When the Pahlen Commission was discharged, the Tzar having “attached himself to the opinion of the minority,” [1] the Government had no difficulty in finding a few kind-hearted officials who were eager to carry the project framed by this reactionary minority into effect. The project itself, which had been elaborated in the Ministry of the Interior under the direction of Plehve, the sinister Chief of Police, was guarded with great secrecy, as if it concerned a plan of military operations against a belligerent Power. But the secret leaked out very soon. The Minister had sent out copies of the project to the governors-general, soliciting their opinions, and ere long copies of the project were circulating in London, Paris, and Vienna. In the spring of 1890, Russia and Western Europe were filled with alarming rumors concerning an enactment of some “forty clauses,” which was designed to curtail the commercial activities of the Jews, to increase the rigor of the “Temporary Rules” within the Pale, and restrict the privileges conferred upon several categories of Jews outside of it, to establish medieval Jewish ghettos in St. Petersburg, Moscow, and Kiev, and similar measures. The foreign press made a terrible outcry against these contemplated new acts of barbarism.
[Footnote 1: See p. 370.]
The voice of protest was particularly strong in England. The London Times assailed in violent terms the reactionary policies of Russia, and a special organ, called Darkest Russia, was published for this purpose by Russian political refugees in England. The Russian Government denied these rumors through its diplomatic channels, though at the very same time the well-informed Novoye Vremya and Grazhdanin were not barred from printing news items concerning the projected disabilities or from recommending ferocious measures against the Jews for the purpose “of removing them from all branches of labor.”

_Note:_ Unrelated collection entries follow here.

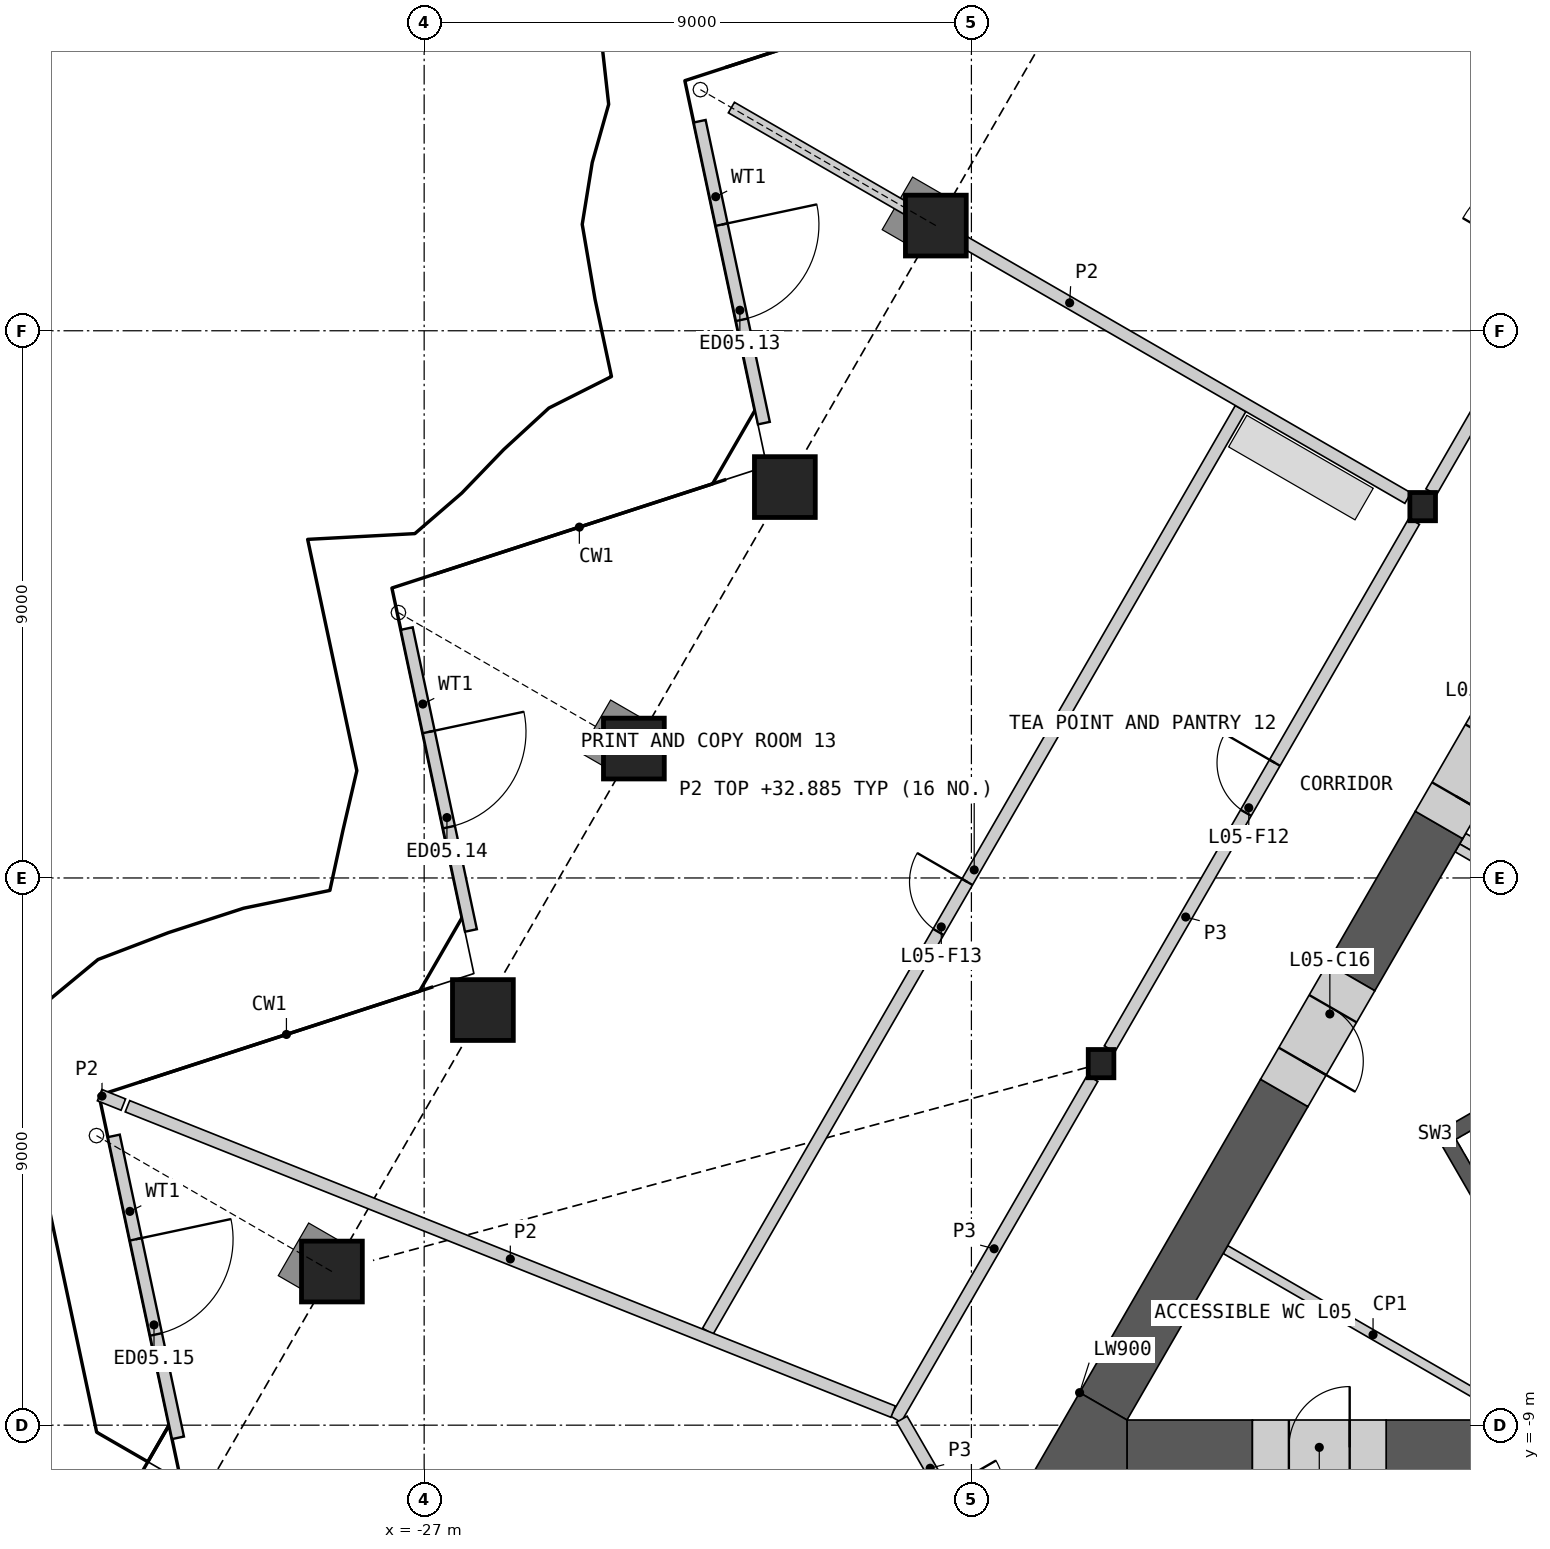
"""IFC4 building model, lengths in metres.
Left out: names, types, materials, properties, quantities, classifications, styles, units other than length and angle.
Written with IfcOpenShell. Run it as: python <this file> out.ifc"""

import sys

from ifc_helpers import new_model, si_unit, direction, frame, frame_2d, origin, origin_2d, place, context, subcontext, project, spatial, polyline, rectangle, hollow_rectangle, i_section, outline, extrude, element, fill, save


model = new_model("IFC4")
c1 = context("Model", 3, precision=1e-05, world=origin(), true_north=direction((0.0, 1.0)))
c2 = subcontext(c1, "Body", "Model", "MODEL_VIEW")
j1 = project(units=[si_unit("LENGTHUNIT", "METRE"), si_unit("PLANEANGLEUNIT", "RADIAN")], contexts=[c1])
p1 = place(None, origin())
s1 = spatial("IfcSite", under=j1, at=p1, CompositionType="ELEMENT")
p2 = place(p1, origin())
s2 = spatial("IfcBuilding", under=s1, at=p2, CompositionType="ELEMENT")
p3 = place(p2, frame((0.0, 0.0, 30.0)))
s3 = spatial("IfcBuildingStorey", under=s2, at=p3, CompositionType="ELEMENT", Elevation=30.0)
p4 = place(p3, frame((-18.585, 10.73, 0.0), z_axis=(-0.631257748816, 0.364419821328, 0.684625334313), x_axis=(-0.499961918033, -0.866047389302, 0.0)))
e1 = element("IfcColumn", 1, at=p4, inside=s3, PredefinedType="COLUMN", context=c2, shape_type="SweptSolid", body=[
    extrude(hollow_rectangle(XDim=1.0, YDim=1.0, WallThickness=0.07, at=origin_2d()), frame((0.0, 0.0, 0.532)), (0.0, 0.0, 1.0), 5.07),
])
p5 = place(p3, frame((-21.068, 6.429, 0.0), z_axis=(0.0, 0.0, 1.0), x_axis=(1.0, 0.0, 0.0)))
e2 = element("IfcColumn", 2, at=p5, inside=s3, PredefinedType="COLUMN", context=c2, shape_type="SweptSolid", body=[
    extrude(hollow_rectangle(XDim=1.0, YDim=1.0, WallThickness=0.07, at=origin_2d()), origin(), (0.0, 0.0, 1.0), 4.2),
])
p6 = place(p3, frame((-23.551, 2.128, 0.0), z_axis=(-0.631248593533, 0.36445433234, 0.684615405028), x_axis=(-0.500002867593, -0.866023748172, 0.0)))
e3 = element("IfcColumn", 3, at=p6, inside=s3, PredefinedType="COLUMN", context=c2, shape_type="SweptSolid", body=[
    extrude(hollow_rectangle(XDim=1.0, YDim=1.0, WallThickness=0.07, at=origin_2d()), frame((0.0, 0.0, 0.532)), (0.0, 0.0, 1.0), 5.07),
])
p7 = place(p3, frame((-26.034, -2.172, 0.0), z_axis=(0.0, 0.0, 1.0), x_axis=(1.0, 0.0, 0.0)))
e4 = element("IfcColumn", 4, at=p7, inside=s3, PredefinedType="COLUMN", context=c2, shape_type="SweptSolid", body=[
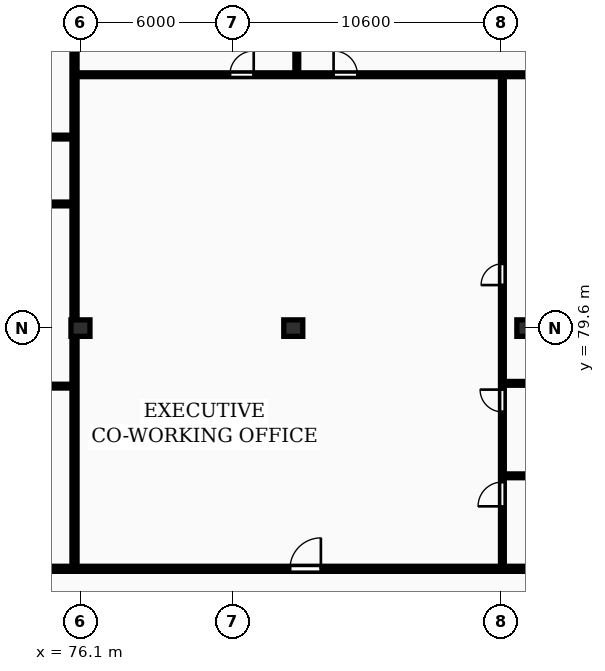
"""IFC4 building model, lengths in metres.
Left out: names, types, materials, properties, quantities, classifications, styles, units other than length and angle.
Written with IfcOpenShell. Run it as: python <this file> out.ifc"""

import sys

from ifc_helpers import new_model, si_unit, direction, frame, frame_2d, origin, origin_2d, place, context, subcontext, project, spatial, rectangle, extrude, element, fill, save


model = new_model("IFC4")
c1 = context("Model", 3, precision=1e-05, world=origin(), true_north=direction((0.0, 1.0)))
c2 = subcontext(c1, "Body", "Model", "MODEL_VIEW")
j1 = project(units=[si_unit("LENGTHUNIT", "METRE"), si_unit("PLANEANGLEUNIT", "RADIAN")], contexts=[c1])
p1 = place(None, origin())
s1 = spatial("IfcSite", under=j1, at=p1, CompositionType="ELEMENT")
p2 = place(p1, origin())
s2 = spatial("IfcBuilding", under=s1, at=p2, CompositionType="ELEMENT")
p3 = place(p2, frame((0.0, 0.0, 242.45)))
s3 = spatial("IfcBuildingStorey", under=s2, at=p3, CompositionType="ELEMENT", Elevation=242.45)
for number, where, z_axis, x_axis in (
    (1, (76.1, 79.6, 0.0), (0.0, 0.0, 1.0), (1.0, 0.0, 0.0)),
    (2, (84.5, 79.6, 0.0), (0.0, 0.0, 1.0), (1.0, 0.0, 0.0)),
    (3, (93.7, 79.6, 0.0), (0.0, 0.0, 1.0), (1.0, 0.0, 0.0)),
):
    element("IfcColumn", number, at=place(p3, frame(where, z_axis=z_axis, x_axis=x_axis)), inside=s3, PredefinedType="COLUMN", context=c2, shape_type="SweptSolid", body=[
        extrude(rectangle(XDim=0.75, YDim=0.65, at=origin_2d()), origin(), (0.0, 0.0, 1.0), 3.45),
    ])
p4 = place(p3, frame((75.865, 70.18, 0.0), z_axis=(0.0, 0.0, 1.0), x_axis=(0.0, 1.0, 0.0)))
e4 = element("IfcWall", 4, at=p4, inside=s3, PredefinedType="PARTITIONING", context=c2, shape_type="SweptSolid", body=[
    extrude(rectangle(XDim=24.32, YDim=0.2, at=frame_2d((12.16, 0.0))), origin(), (0.0, 0.0, 1.0), 2.477),
])
p5 = place(p3, frame((63.83, 77.31, 0.0), z_axis=(0.0, 0.0, 1.0), x_axis=(1.0, 0.0, 0.0)))
e5 = element("IfcWall", 5, at=p5, inside=s3, PredefinedType="PARTITIONING", context=c2, shape_type="SweptSolid", body=[
    extrude(rectangle(XDim=11.955, YDim=0.15, at=frame_2d((5.978, 0.0))), origin(), (0.0, 0.0, 1.0), 3.17),
])
p6 = place(p5, frame((1.646, 0.0, 0.0)))
e6 = element("IfcOpeningElement", 6, at=p6, cuts=e5, PredefinedType="OPENING", context=c2, shape_type="SweptSolid", body=[
    extrude(rectangle(XDim=0.88, YDim=2.06, at=frame_2d((0.44, 1.03))), frame((0.0, 0.085, 0.0), z_axis=(0.0, -1.0, 0.0), x_axis=(1.0, 0.0, 0.0)), (0.0, 0.0, 1.0), 0.17),
])
p7 = place(p3, frame((64.63, 87.14, 0.0), z_axis=(0.0, 0.0, 1.0), x_axis=(1.0, 0.0, 0.0)))
e7 = element("IfcWall", 7, at=p7, inside=s3, PredefinedType="PARTITIONING", context=c2, shape_type="SweptSolid", body=[
    extrude(rectangle(XDim=11.155, YDim=0.15, at=frame_2d((5.578, 0.0))), origin(), (0.0, 0.0, 1.0), 3.17),
])
p8 = place(p7, frame((5.158, 0.0, 0.0)))
e8 = element("IfcOpeningElement", 8, at=p8, cuts=e7, PredefinedType="OPENING", context=c2, shape_type="SweptSolid", body=[
    extrude(rectangle(XDim=0.84, YDim=2.04, at=frame_2d((0.42, 1.02))), frame((0.0, 0.085, 0.0), z_axis=(0.0, -1.0, 0.0), x_axis=(1.0, 0.0, 0.0)), (0.0, 0.0, 1.0), 0.17),
])
p9 = place(p7, frame((7.155, 0.0, 0.0)))
e9 = element("IfcOpeningElement", 9, at=p9, cuts=e7, PredefinedType="OPENING", context=c2, shape_type="SweptSolid", body=[
    extrude(rectangle(XDim=0.84, YDim=2.04, at=frame_2d((0.42, 1.02))), frame((0.0, 0.085, 0.0), z_axis=(0.0, -1.0, 0.0), x_axis=(1.0, 0.0, 0.0)), (0.0, 0.0, 1.0), 0.17),
])
p10 = place(p3, frame((59.88, 84.5, 0.0), z_axis=(0.0, 0.0, 1.0), x_axis=(1.0, 0.0, 0.0)))
e10 = element("IfcWall", 10, at=p10, inside=s3, PredefinedType="PARTITIONING", context=c2, shape_type="SweptSolid", body=[
    extrude(rectangle(XDim=15.905, YDim=0.15, at=frame_2d((7.953, 0.0))), origin(), (0.0, 0.0, 1.0), 3.17),
])
p11 = place(p10, frame((2.72, 0.0, 0.0)))
e11 = element("IfcOpeningElement", 11, at=p11, cuts=e10, PredefinedType="OPENING", context=c2, shape_type="SweptSolid", body=[
    extrude(rectangle(XDim=0.92, YDim=2.08, at=frame_2d((0.46, 1.04))), frame((0.0, 0.085, 0.0), z_axis=(0.0, -1.0, 0.0), x_axis=(1.0, 0.0, 0.0)), (0.0, 0.0, 1.0), 0.17),
])
for number, where, z_axis, x_axis in (
    (12, (92.814, 73.77, 0.0), (0.0, 0.0, 1.0), (1.0, 0.0, 0.0)),
    (13, (92.814, 77.42, 0.0), (0.0, 0.0, 1.0), (1.0, 0.0, 0.0)),
):
    element("IfcWall", number, at=place(p3, frame(where, z_axis=z_axis, x_axis=x_axis)), inside=s3, PredefinedType="PARTITIONING", context=c2, shape_type="SweptSolid", body=[
        extrude(rectangle(XDim=3.13, YDim=0.15, at=frame_2d((1.565, 0.0))), origin(), (0.0, 0.0, 1.0), 3.17),
    ])
p12 = place(p3, frame((92.754, 70.16, 0.0), z_axis=(0.0, 0.0, 1.0), x_axis=(0.0, 1.0, 0.0)))
e14 = element("IfcWall", 14, at=p12, inside=s3, PredefinedType="PARTITIONING", context=c2, shape_type="SweptSolid", body=[
    extrude(rectangle(XDim=19.38, YDim=0.15, at=frame_2d((9.69, 0.0))), origin(), (0.0, 0.0, 1.0), 3.17),
])
p13 = place(p12, frame((2.406, 0.0, 0.0)))
e15 = element("IfcOpeningElement", 15, at=p13, cuts=e14, PredefinedType="OPENING", context=c2, shape_type="SweptSolid", body=[
    extrude(rectangle(XDim=0.96, YDim=2.1, at=frame_2d((0.48, 1.05))), frame((0.0, 0.085, 0.0), z_axis=(0.0, -1.0, 0.0), x_axis=(1.0, 0.0, 0.0)), (0.0, 0.0, 1.0), 0.17),
])
p14 = place(p12, frame((6.133, 0.0, 0.0)))
e16 = element("IfcOpeningElement", 16, at=p14, cuts=e14, PredefinedType="OPENING", context=c2, shape_type="SweptSolid", body=[
    extrude(rectangle(XDim=0.88, YDim=2.06, at=frame_2d((0.44, 1.03))), frame((0.0, 0.085, 0.0), z_axis=(0.0, -1.0, 0.0), x_axis=(1.0, 0.0, 0.0)), (0.0, 0.0, 1.0), 0.17),
])
p15 = place(p12, frame((11.139, 0.0, 0.0)))
e17 = element("IfcOpeningElement", 17, at=p15, cuts=e14, PredefinedType="OPENING", context=c2, shape_type="SweptSolid", body=[
    extrude(rectangle(XDim=0.84, YDim=2.04, at=frame_2d((0.42, 1.02))), frame((0.0, 0.085, 0.0), z_axis=(0.0, -1.0, 0.0), x_axis=(1.0, 0.0, 0.0)), (0.0, 0.0, 1.0), 0.17),
])
p16 = place(p3, frame((84.64, 89.68, 0.0), z_axis=(0.0, 0.0, 1.0), x_axis=(0.0, 1.0, 0.0)))
e18 = element("IfcWall", 18, at=p16, inside=s3, PredefinedType="PARTITIONING", context=c2, shape_type="SweptSolid", body=[
    extrude(rectangle(XDim=4.82, YDim=0.15, at=frame_2d((2.41, 0.0))), origin(), (0.0, 0.0, 1.0), 2.477),
])
p17 = place(p3, frame((75.945, 89.6, 0.0), z_axis=(0.0, 0.0, 1.0), x_axis=(1.0, 0.0, 0.0)))
e19 = element("IfcWall", 19, at=p17, inside=s3, PredefinedType="PARTITIONING", context=c2, shape_type="SweptSolid", body=[
    extrude(rectangle(XDim=19.999, YDim=0.15, at=frame_2d((10.0, 0.0))), origin(), (0.0, 0.0, 1.0), 3.17),
])
p18 = place(p17, frame((6.054, 0.0, 0.0)))
e20 = element("IfcOpeningElement", 20, at=p18, cuts=e19, PredefinedType="OPENING", context=c2, shape_type="SweptSolid", body=[
    extrude(rectangle(XDim=0.94, YDim=2.1, at=frame_2d((0.47, 1.05))), frame((0.0, 0.085, 0.0), z_axis=(0.0, -1.0, 0.0), x_axis=(1.0, 0.0, 0.0)), (0.0, 0.0, 1.0), 0.17),
])
p19 = place(p17, frame((10.146, 0.0, 0.0)))
e21 = element("IfcOpeningElement", 21, at=p19, cuts=e19, PredefinedType="OPENING", context=c2, shape_type="SweptSolid", body=[
    extrude(rectangle(XDim=0.94, YDim=2.1, at=frame_2d((0.47, 1.05))), frame((0.0, 0.085, 0.0), z_axis=(0.0, -1.0, 0.0), x_axis=(1.0, 0.0, 0.0)), (0.0, 0.0, 1.0), 0.17),
])
p20 = place(p3, frame((59.8, 70.1, 0.0), z_axis=(0.0, 0.0, 1.0), x_axis=(1.0, 0.0, 0.0)))
e22 = element("IfcWall", 22, at=p20, inside=s3, PredefinedType="PARTITIONING", context=c2, shape_type="SweptSolid", body=[
    extrude(rectangle(XDim=68.6, YDim=0.2, at=frame_2d((34.3, 0.0))), origin(), (0.0, 0.0, 1.0), 3.17),
])
p21 = place(p20, frame((2.045, 0.0, 0.0)))
e23 = element("IfcOpeningElement", 23, at=p21, cuts=e22, PredefinedType="OPENING", context=c2, shape_type="SweptSolid", body=[
    extrude(rectangle(XDim=0.95, YDim=2.15, at=frame_2d((0.475, 1.075))), frame((0.0, 0.11, 0.0), z_axis=(0.0, -1.0, 0.0), x_axis=(1.0, 0.0, 0.0)), (0.0, 0.0, 1.0), 0.22),
])
p22 = place(p20, frame((24.57, 0.0, 0.0)))
e24 = element("IfcOpeningElement", 24, at=p22, cuts=e22, PredefinedType="OPENING", context=c2, shape_type="SweptSolid", body=[
    extrude(rectangle(XDim=1.22, YDim=2.18, at=frame_2d((0.61, 1.09))), frame((0.0, 0.11, 0.0), z_axis=(0.0, -1.0, 0.0), x_axis=(1.0, 0.0, 0.0)), (0.0, 0.0, 1.0), 0.22),
])
p23 = place(p20, frame((43.507, 0.0, 0.0)))
e25 = element("IfcOpeningElement", 25, at=p23, cuts=e22, PredefinedType="OPENING", context=c2, shape_type="SweptSolid", body=[
    extrude(rectangle(XDim=1.22, YDim=2.18, at=frame_2d((0.61, 1.09))), frame((0.0, 0.11, 0.0), z_axis=(0.0, -1.0, 0.0), x_axis=(1.0, 0.0, 0.0)), (0.0, 0.0, 1.0), 0.22),
])
p24 = place(p20, frame((56.214, 0.0, 0.0)))
e26 = element("IfcOpeningElement", 26, at=p24, cuts=e22, PredefinedType="OPENING", context=c2, shape_type="SweptSolid", body=[
    extrude(rectangle(XDim=0.95, YDim=2.15, at=frame_2d((0.475, 1.075))), frame((0.0, 0.11, 0.0), z_axis=(0.0, -1.0, 0.0), x_axis=(1.0, 0.0, 0.0)), (0.0, 0.0, 1.0), 0.22),
])
p25 = place(p13, origin())
e27 = element("IfcDoor", 27, at=p25, inside=s3, OperationType="SINGLE_SWING_LEFT", PredefinedType="DOOR", context=c2, shape_type="SweptSolid", body=[
    extrude(rectangle(XDim=0.96, YDim=2.1, at=frame_2d((0.48, 1.05))), frame((0.0, 0.025, 0.0), z_axis=(0.0, -1.0, 0.0), x_axis=(1.0, 0.0, 0.0)), (0.0, 0.0, 1.0), 0.05),
])
fill(e15, e27)
p26 = place(p14, origin())
e28 = element("IfcDoor", 28, at=p26, inside=s3, OperationType="SINGLE_SWING_RIGHT", PredefinedType="DOOR", context=c2, shape_type="SweptSolid", body=[
    extrude(rectangle(XDim=0.88, YDim=2.06, at=frame_2d((0.44, 1.03))), frame((0.0, 0.025, 0.0), z_axis=(0.0, -1.0, 0.0), x_axis=(1.0, 0.0, 0.0)), (0.0, 0.0, 1.0), 0.05),
])
fill(e16, e28)
p27 = place(p15, origin())
e29 = element("IfcDoor", 29, at=p27, inside=s3, OperationType="SINGLE_SWING_LEFT", PredefinedType="DOOR", context=c2, shape_type="SweptSolid", body=[
    extrude(rectangle(XDim=0.84, YDim=2.04, at=frame_2d((0.42, 1.02))), frame((0.0, 0.025, 0.0), z_axis=(0.0, -1.0, 0.0), x_axis=(1.0, 0.0, 0.0)), (0.0, 0.0, 1.0), 0.05),
])
fill(e17, e29)
p28 = place(p18, origin())
e30 = element("IfcDoor", 30, at=p28, inside=s3, OperationType="SINGLE_SWING_RIGHT", PredefinedType="DOOR", context=c2, shape_type="SweptSolid", body=[
    extrude(rectangle(XDim=0.94, YDim=2.1, at=frame_2d((0.47, 1.05))), frame((0.0, 0.025, 0.0), z_axis=(0.0, -1.0, 0.0), x_axis=(1.0, 0.0, 0.0)), (0.0, 0.0, 1.0), 0.05),
])
fill(e20, e30)
p29 = place(p19, origin())
e31 = element("IfcDoor", 31, at=p29, inside=s3, OperationType="SINGLE_SWING_LEFT", PredefinedType="DOOR", context=c2, shape_type="SweptSolid", body=[
    extrude(rectangle(XDim=0.94, YDim=2.1, at=frame_2d((0.47, 1.05))), frame((0.0, 0.025, 0.0), z_axis=(0.0, -1.0, 0.0), x_axis=(1.0, 0.0, 0.0)), (0.0, 0.0, 1.0), 0.05),
])
fill(e21, e31)
p30 = place(p22, origin())
e32 = element("IfcDoor", 32, at=p30, inside=s3, OperationType="SINGLE_SWING_RIGHT", PredefinedType="DOOR", context=c2, shape_type="SweptSolid", body=[
    extrude(rectangle(XDim=1.22, YDim=2.18, at=frame_2d((0.61, 1.09))), frame((0.0, 0.025, 0.0), z_axis=(0.0, -1.0, 0.0), x_axis=(1.0, 0.0, 0.0)), (0.0, 0.0, 1.0), 0.05),
])
fill(e24, e32)
save(model, sys.argv[1])

This comedy was well understood abroad. At the end of July and in the beginning of August interpellations were introduced in both Houses of the English Parliament, as to whether Her Majesty’s Government found it possible to make diplomatic representations in defence of the persecuted Russian Jews for whom England would have to provide, were they to arrive there in large masses. Premier Salisbury, in the House of Lords, and Fergusson, the Under-Secretary of State for Foreign Affairs, in the House of Commons, replied that “these proceedings, which, if rightly reported to us, are deeply to be regretted, concern the internal affairs of the Russian Empire, and do not admit of any interference on the part of Her Majesty’s Government.” [1] When shortly afterwards preparations were set on foot for calling a protest meeting in London, the Russian Government hastened to announce through the British ambassador in St. Petersburg that no new measures against the Jews were in contemplation, and the meeting was called off. Rumor had it that the Lord Mayor of London, Henry Isaacs, who was a Jew, did not approve of this meeting, over which, according to the English custom, he would have to preside. The action of the Lord Mayor may have been “tactful,” but is was certainly not free from an admixture of timidity.